Girl receiving oral polio vaccine

The eradication of polio was predicted for 2000 — but the disease is still with us

Flickr/Julien Harneis

Thirty years on, smallpox remains the only human disease to have been eradicated, despite relentless efforts to get rid of others.

In the late 1980s, guinea worm eradication was scheduled for 1995 and polio for 2000 — but they are still with us. And efforts to eradicate malaria dating back to 1955 had similarly failed by the 1960s when researchers realised that mosquitoes were developing resistance to DDT, the environmentally-hazardous pesticide.

Following 30th anniversary celebrations to commemorate the eradication of smallpox, scientists met in Frankfurt, Germany, in August 2010 to discuss challenges for the ongoing eradication campaigns and the future feasibility of disease eradication, at the 'Disease Eradication in the Context of Global Health in the 21st Century' meeting.

They concluded that new eradication plans must be more evidence-based and that there should be an analysis of the costs and benefits, a thorough funding plan, and new financial tricks to prevent perennial budget gaps like those hampering the polio campaign.

Any new eradication programme should also help poor countries build stronger health systems along the way, the meeting agreed.

Today there are eradication programmes for polio, lymphatic filariasis and guinea worm.
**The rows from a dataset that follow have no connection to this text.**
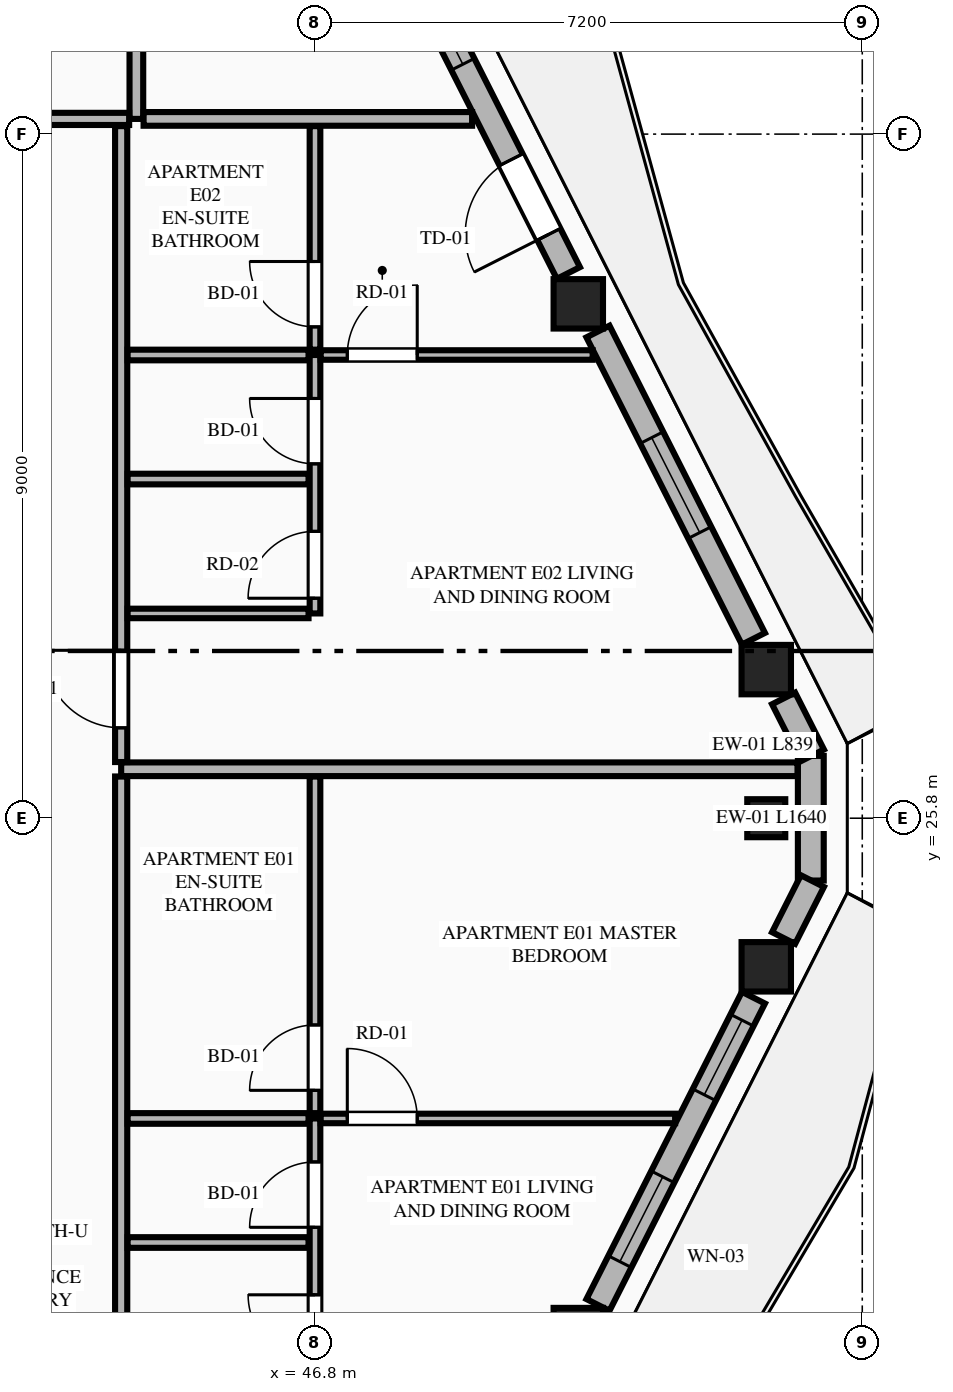
"""IFC4 building model, lengths in metres.
Left out: names, types, materials, properties, quantities, classifications, styles, units other than length and angle.
Written with IfcOpenShell. Run it as: python <this file> out.ifc"""

import sys

from ifc_helpers import new_model, si_unit, direction, frame, frame_2d, origin, origin_2d, place, context, subcontext, project, spatial, rectangle, extrude, element, fill, save


model = new_model("IFC4")
c1 = context("Model", 3, precision=1e-05, world=origin(), true_north=direction((0.0, 1.0)))
c2 = subcontext(c1, "Body", "Model", "MODEL_VIEW")
j1 = project(units=[si_unit("LENGTHUNIT", "METRE"), si_unit("PLANEANGLEUNIT", "RADIAN")], contexts=[c1])
p1 = place(None, origin())
s1 = spatial("IfcSite", under=j1, at=p1, CompositionType="ELEMENT")
p2 = place(p1, origin())
s2 = spatial("IfcBuilding", under=s1, at=p2, CompositionType="ELEMENT")
p3 = place(p2, frame((0.0, 0.0, 259.85)))
s3 = spatial("IfcBuildingStorey", under=s2, at=p3, CompositionType="ELEMENT", Elevation=259.85)
for number, where, z_axis, x_axis in (
    (1, (50.264, 19.033, 0.0), (0.0, 0.0, 1.0), (1.0, 0.0, 0.0)),
    (2, (52.737, 23.845, 0.0), (0.0, 0.0, 1.0), (1.0, 0.0, 0.0)),
    (3, (52.737, 27.755, 0.0), (0.0, 0.0, 1.0), (1.0, 0.0, 0.0)),
    (4, (50.264, 32.567, 0.0), (0.0, 0.0, 1.0), (1.0, 0.0, 0.0)),
):
    element("IfcColumn", number, at=place(p3, frame(where, z_axis=z_axis, x_axis=x_axis)), inside=s3, PredefinedType="COLUMN", context=c2, shape_type="SweptSolid", body=[
        extrude(rectangle(XDim=0.65, YDim=0.65, at=origin_2d()), origin(), (0.0, 0.0, 1.0), 3.65),
    ])
p4 = place(p3, frame((52.737, 25.8, 0.0), z_axis=(0.0, 0.0, 1.0), x_axis=(0.0, 1.0, 0.0)))
e5 = element("IfcColumn", 5, at=p4, inside=s3, PredefinedType="PILASTER", context=c2, shape_type="SweptSolid", body=[
    extrude(rectangle(XDim=0.5, YDim=0.35, at=origin_2d()), origin(), (0.0, 0.0, 1.0), 3.65),
])
p5 = place(p3, frame((53.323, 24.98, 0.0), z_axis=(0.0, 0.0, 1.0), x_axis=(0.0, 1.0, 0.0)))
e6 = element("IfcWall", 6, at=p5, inside=s3, PredefinedType="STANDARD", context=c2, shape_type="SweptSolid", body=[
    extrude(rectangle(XDim=1.64, YDim=0.34, at=frame_2d((0.82, 0.0))), origin(), (0.0, 0.0, 1.0), 3.45),
])
p6 = place(p3, frame((50.523, 19.397, 0.0), z_axis=(0.0, 0.0, 1.0), x_axis=(0.45147697324, 0.892282770558, 0.0)))
e7 = element("IfcWall", 7, at=p6, inside=s3, PredefinedType="STANDARD", context=c2, shape_type="SweptSolid", body=[
    extrude(rectangle(XDim=4.53, YDim=0.34, at=frame_2d((2.265, 0.0))), origin(), (0.0, 0.0, 1.0), 2.983),
])
p7 = place(p6, frame((0.638, 0.0, 0.75)))
e8 = element("IfcOpeningElement", 8, at=p7, cuts=e7, PredefinedType="OPENING", context=c2, shape_type="SweptSolid", body=[
    extrude(rectangle(XDim=1.25, YDim=1.95, at=frame_2d((0.625, 0.975))), frame((0.0, 0.18, 0.0), z_axis=(0.0, -1.0, 0.0), x_axis=(1.0, 0.0, 0.0)), (0.0, 0.0, 1.0), 0.36),
])
p8 = place(p6, frame((3.098, 0.0, 0.75)))
e9 = element("IfcOpeningElement", 9, at=p8, cuts=e7, PredefinedType="OPENING", context=c2, shape_type="SweptSolid", body=[
    extrude(rectangle(XDim=1.1, YDim=2.0, at=frame_2d((0.55, 1.0))), frame((0.0, 0.18, 0.0), z_axis=(0.0, -1.0, 0.0), x_axis=(1.0, 0.0, 0.0)), (0.0, 0.0, 1.0), 0.36),
])
p9 = place(p3, frame((52.965, 24.224, 0.0), z_axis=(0.0, 0.0, 1.0), x_axis=(0.4515140893, 0.892263989615, 0.0)))
e10 = element("IfcWall", 10, at=p9, inside=s3, PredefinedType="STANDARD", context=c2, shape_type="SweptSolid", body=[
    extrude(rectangle(XDim=0.839, YDim=0.34, at=frame_2d((0.419, 0.0))), origin(), (0.0, 0.0, 1.0), 3.45),
])
p10 = place(p3, frame((53.344, 26.627, 0.0), z_axis=(0.0, 0.0, 1.0), x_axis=(-0.45139691133, 0.892323275748, 0.0)))
e11 = element("IfcWall", 11, at=p10, inside=s3, PredefinedType="STANDARD", context=c2, shape_type="SweptSolid", body=[
    extrude(rectangle(XDim=0.839, YDim=0.34, at=frame_2d((0.42, 0.0))), origin(), (0.0, 0.0, 1.0), 3.45),
])
p11 = place(p3, frame((52.568, 28.161, 0.0), z_axis=(0.0, 0.0, 1.0), x_axis=(-0.45147697324, 0.892282770558, 0.0)))
e12 = element("IfcWall", 12, at=p11, inside=s3, PredefinedType="STANDARD", context=c2, shape_type="SweptSolid", body=[
    extrude(rectangle(XDim=4.53, YDim=0.34, at=frame_2d((2.265, 0.0))), origin(), (0.0, 0.0, 1.0), 2.983),
])
p12 = place(p11, frame((1.565, 0.0, 0.75)))
e13 = element("IfcOpeningElement", 13, at=p12, cuts=e12, PredefinedType="OPENING", context=c2, shape_type="SweptSolid", body=[
    extrude(rectangle(XDim=1.4, YDim=2.05, at=frame_2d((0.7, 1.025))), frame((0.0, 0.18, 0.0), z_axis=(0.0, -1.0, 0.0), x_axis=(1.0, 0.0, 0.0)), (0.0, 0.0, 1.0), 0.36),
])
p13 = place(p3, frame((50.134, 32.973, 0.0), z_axis=(0.0, 0.0, 1.0), x_axis=(-0.451447516904, 0.892297674255, 0.0)))
e14 = element("IfcWall", 14, at=p13, inside=s3, PredefinedType="STANDARD", context=c2, shape_type="SweptSolid", body=[
    extrude(rectangle(XDim=4.723, YDim=0.34, at=frame_2d((2.361, 0.0))), origin(), (0.0, 0.0, 1.0), 2.983),
])
p14 = place(p13, frame((0.57, 0.0, 0.0)))
e15 = element("IfcOpeningElement", 15, at=p14, cuts=e14, PredefinedType="OPENING", context=c2, shape_type="SweptSolid", body=[
    extrude(rectangle(XDim=1.1, YDim=2.25, at=frame_2d((0.55, 1.125))), frame((0.0, 0.18, 0.0), z_axis=(0.0, -1.0, 0.0), x_axis=(1.0, 0.0, 0.0)), (0.0, 0.0, 1.0), 0.36),
])
p15 = place(p13, frame((3.077, 0.0, 0.75)))
e16 = element("IfcOpeningElement", 16, at=p15, cuts=e14, PredefinedType="OPENING", context=c2, shape_type="SweptSolid", body=[
    extrude(rectangle(XDim=1.1, YDim=2.0, at=frame_2d((0.55, 1.0))), frame((0.0, 0.18, 0.0), z_axis=(0.0, -1.0, 0.0), x_axis=(1.0, 0.0, 0.0)), (0.0, 0.0, 1.0), 0.36),
])
p16 = place(p3, frame((44.45, 35.0, 0.0), z_axis=(0.0, 0.0, 1.0), x_axis=(0.0, 1.0, 0.0)))
e17 = element("IfcWall", 17, at=p16, inside=s3, PredefinedType="PARTITIONING", context=c2, shape_type="SweptSolid", body=[
    extrude(rectangle(XDim=8.481, YDim=0.18, at=frame_2d((4.24, 0.0))), origin(), (0.0, 0.0, 1.0), 3.45),
])
p17 = place(p3, frame((35.749, 35.0, 0.0), z_axis=(0.0, 0.0, 1.0), x_axis=(1.0, 0.0, 0.0)))
e18 = element("IfcWall", 18, at=p17, inside=s3, PredefinedType="PARTITIONING", context=c2, shape_type="SweptSolid", body=[
    extrude(rectangle(XDim=8.606, YDim=0.16, at=frame_2d((4.303, 0.0))), origin(), (0.0, 0.0, 1.0), 3.45),
])
p18 = place(p17, frame((6.351, 0.0, 0.0)))
e19 = element("IfcOpeningElement", 19, at=p18, cuts=e18, PredefinedType="OPENING", context=c2, shape_type="SweptSolid", body=[
    extrude(rectangle(XDim=1.02, YDim=2.25, at=frame_2d((0.51, 1.125))), frame((0.0, 0.09, 0.0), z_axis=(0.0, -1.0, 0.0), x_axis=(1.0, 0.0, 0.0)), (0.0, 0.0, 1.0), 0.18),
])
p19 = place(p3, frame((44.545, 35.0, 0.0), z_axis=(0.0, 0.0, 1.0), x_axis=(1.0, 0.0, 0.0)))
e20 = element("IfcWall", 20, at=p19, inside=s3, PredefinedType="PARTITIONING", context=c2, shape_type="SweptSolid", body=[
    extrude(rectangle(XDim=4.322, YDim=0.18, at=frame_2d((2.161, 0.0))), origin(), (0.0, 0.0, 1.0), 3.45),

Measles might be next on the list when the World Health Assembly meets in Geneva in May, following an expert group conclusion in August that "measles can and should be eradicated" and a report commissioned by the WHO that found that measles eradication would cost US$7–14 billion but would save more.

But, before new diseases are earmarked for eradication, donors and decision makers are waiting to see how the current ones, especially the polio campaign, progress.

"I'm very worried about polio," said Hopkins. "It must succeed. If it didn't, it would be a big setback for the whole concept of eradication."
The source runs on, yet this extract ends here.